Many chronic disorders, such as vascular disease, coronary heart disease and tumorigenesis, are statistically or biologically linked to ABO blood groups7. Studies on the relationship between blood groups and some viral infections have received much interest in recent years. Investigating the role of different blood groups in viral infection can be useful in evaluating a person's susceptibility to a virus. Previous research has found a connection between ABO blood groups and host susceptibility to infectious diseases such as SARS-CoV8, malignant tumors9, Helicobacter pylori10, Norwalk virus11 and hepatitis B virus7. The correlation between ABO blood groups and SARS-CoV, in particular, led to the presumption of a related susceptibility to COVID-19.
This study found no association between ABO blood groups and the distribution of Asthma, stomach ulcer, diabetes, hypertension, vein thrombosis, thrombosis, heart disease and sinusitis but there was a significant correlation between renal failure and duration of COVID-19.
The current study revealed that patients with blood group type O positive are the most likely to be infected with the COVID-19 virus, which was consistent with Flegel's studies in France, which found that patients with blood type O were more likely to be infected with COVID-1912 and inconsistent with Boudin et al., 202013, which indicated that Canadian patients with blood type O were less likely to be infected with chronic diseases. While Ray et al., 2020 discovered that in Turkish patients with blood type O were less infected and those with blood type A were less correlated with mortality, they also discovered a negative harmonious relationship between the O blood group and COVID-19 exposure14. They found no significant link between blood group and the need for intubation or COVID-19-related mortality, which may be attributed to their small sample size. Zeng et al., 2020 discovered a higher risk of COVID-19 exposure in subjects with the A blood group in another study. In another study, individuals with blood group O were found to be less susceptible to extreme COVID-19 but they were unable to determine if having O blood group provided defense against the virus15. The authors concluded in a large multi-institutional retrospective study that there is no relationship between blood type and the likelihood of severity development, the need for intubation or death. These findings contradicted the findings of Zhao et al., 202016, who investigated the relationship between blood type and death rate in the Wuhan experience.
COVID-19 viruses developed in individuals from groups A, B, AB and O, respectively, express A, B, A and B antigens and none. Anti-A, anti-A, none and anti-A/anti-B/anti-A, B antibodies are present in people in groups A, B, AB and O, respectively17. Anti-A, Anti-B and Anti-A, Antibodies can reduce an individual's risk of infection from the SARS-CoV-2 virus, making type O individuals more vulnerable. The blockage may or may not be complete. However, once an infection has been created, individuals produce viruses of their own ABO types and the Anti-A, Anti-B and/or Anti-A, B antibodies they possess can no longer neutralize newly produced viruses.

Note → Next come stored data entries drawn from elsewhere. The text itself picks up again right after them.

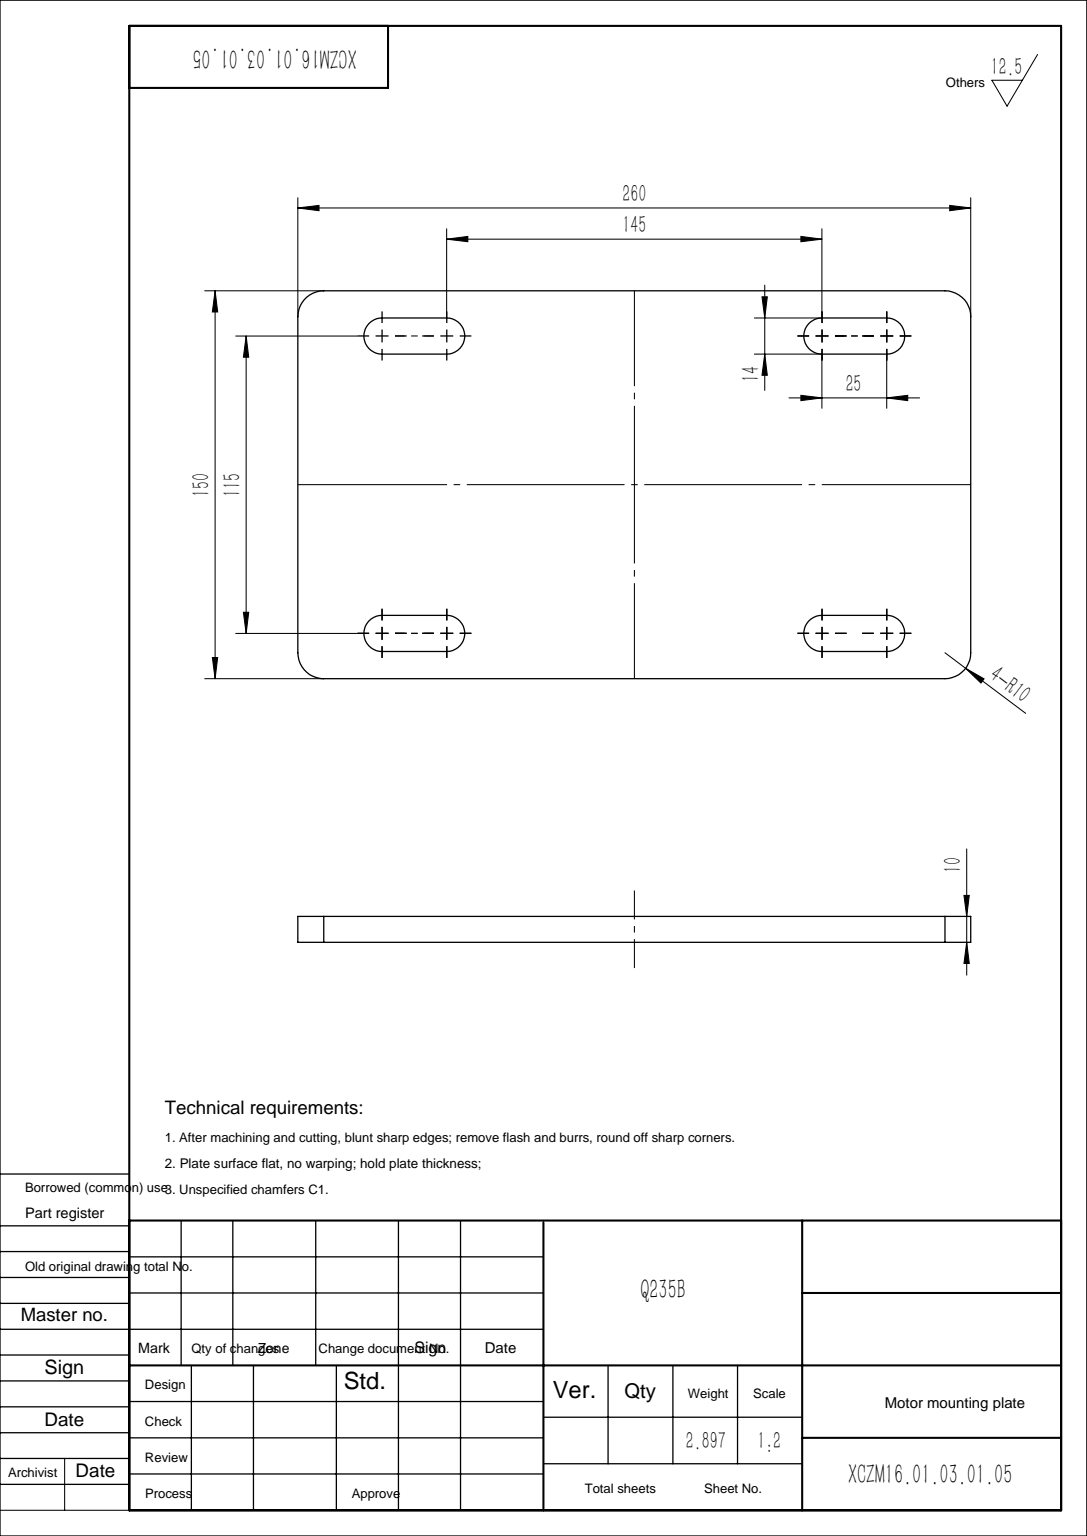
from build123d import *

# Parameters (mm, degrees)
EXTRUDE_1_DEPTH = 10


with BuildPart() as part:
    # 草图1 → 凸台-拉伸1 (new body)
    with BuildSketch(Plane(origin=(0, 0, 0), x_dir=(1, 0, 0), z_dir=(0, 1, 0))):
        with BuildLine():
            Line((120, -75), (-120, -75))
            ThreePointArc((-120, -75), (-127.071067812, -72.071067812), (-130, -65))
            Line((-130, -65), (-130, 65))
            ThreePointArc((-130, 65), (-127.071067812, 72.071067812), (-120, 75))
            Line((-120, 75), (120, 75))
            ThreePointArc((120, 75), (127.071067812, 72.071067812), (130, 65))
            Line((130, 65), (130, -65))
            ThreePointArc((130, -65), (127.071067812, -72.071067812), (120, -75))
        make_face()
        with BuildLine():
            Line((-72.5, 50.5), (-97.5, 50.5))
            ThreePointArc((-97.5, 50.5), (-104.5, 57.5), (-97.5, 64.5))
            Line((-97.5, 64.5), (-72.5, 64.5))
            ThreePointArc((-72.5, 64.5), (-65.5, 57.5), (-72.5, 50.5))
        make_face(mode=Mode.SUBTRACT)
        with BuildLine():
            Line((72.5, 50.5), (97.5, 50.5))
            ThreePointArc((97.5, 50.5), (104.5, 57.5), (97.5, 64.5))
            Line((97.5, 64.5), (72.5, 64.5))
            ThreePointArc((72.5, 64.5), (65.5, 57.5), (72.5, 50.5))
        make_face(mode=Mode.SUBTRACT)
        with BuildLine():
            Line((-72.5, -50.5), (-97.5, -50.5))
            ThreePointArc((-97.5, -50.5), (-104.5, -57.5), (-97.5, -64.5))
            Line((-97.5, -64.5), (-72.5, -64.5))
            ThreePointArc((-72.5, -64.5), (-65.5, -57.5), (-72.5, -50.5))
        make_face(mode=Mode.SUBTRACT)
        with BuildLine():
            Line((72.5, -50.5), (97.5, -50.5))
            ThreePointArc((97.5, -50.5), (104.5, -57.5), (97.5, -64.5))
            Line((97.5, -64.5), (72.5, -64.5))
            ThreePointArc((72.5, -64.5), (65.5, -57.5), (72.5, -50.5))
        make_face(mode=Mode.SUBTRACT)
    extrude(amount=EXTRUDE_1_DEPTH)


solid = part.part

Individuals with blood type O negative are at a lower risk of viral infection17. Anti-A, Anti-B and/or Anti-A, B antibodies can prevent the viral spike glycoprotein from interacting with cellular ACE2 receptors. This can prevent the SARS-CoV-2 virus from entering cells and neutralize it in a complement-dependent manner. It may also facilitate the production of cytotoxic T cells. Immunity to other viral antigens can develop as a result17.
It is possible that the ABO blood group system played a significant role in the COVID-19 mode of infection. Blood group AB is the least likely to be infected with the COVID-19 virus, whereas blood group O Positive is the most likely.
This Publication was supported by the Deanship of Scientific Research at Prince Sattam bin Abdulaziz University.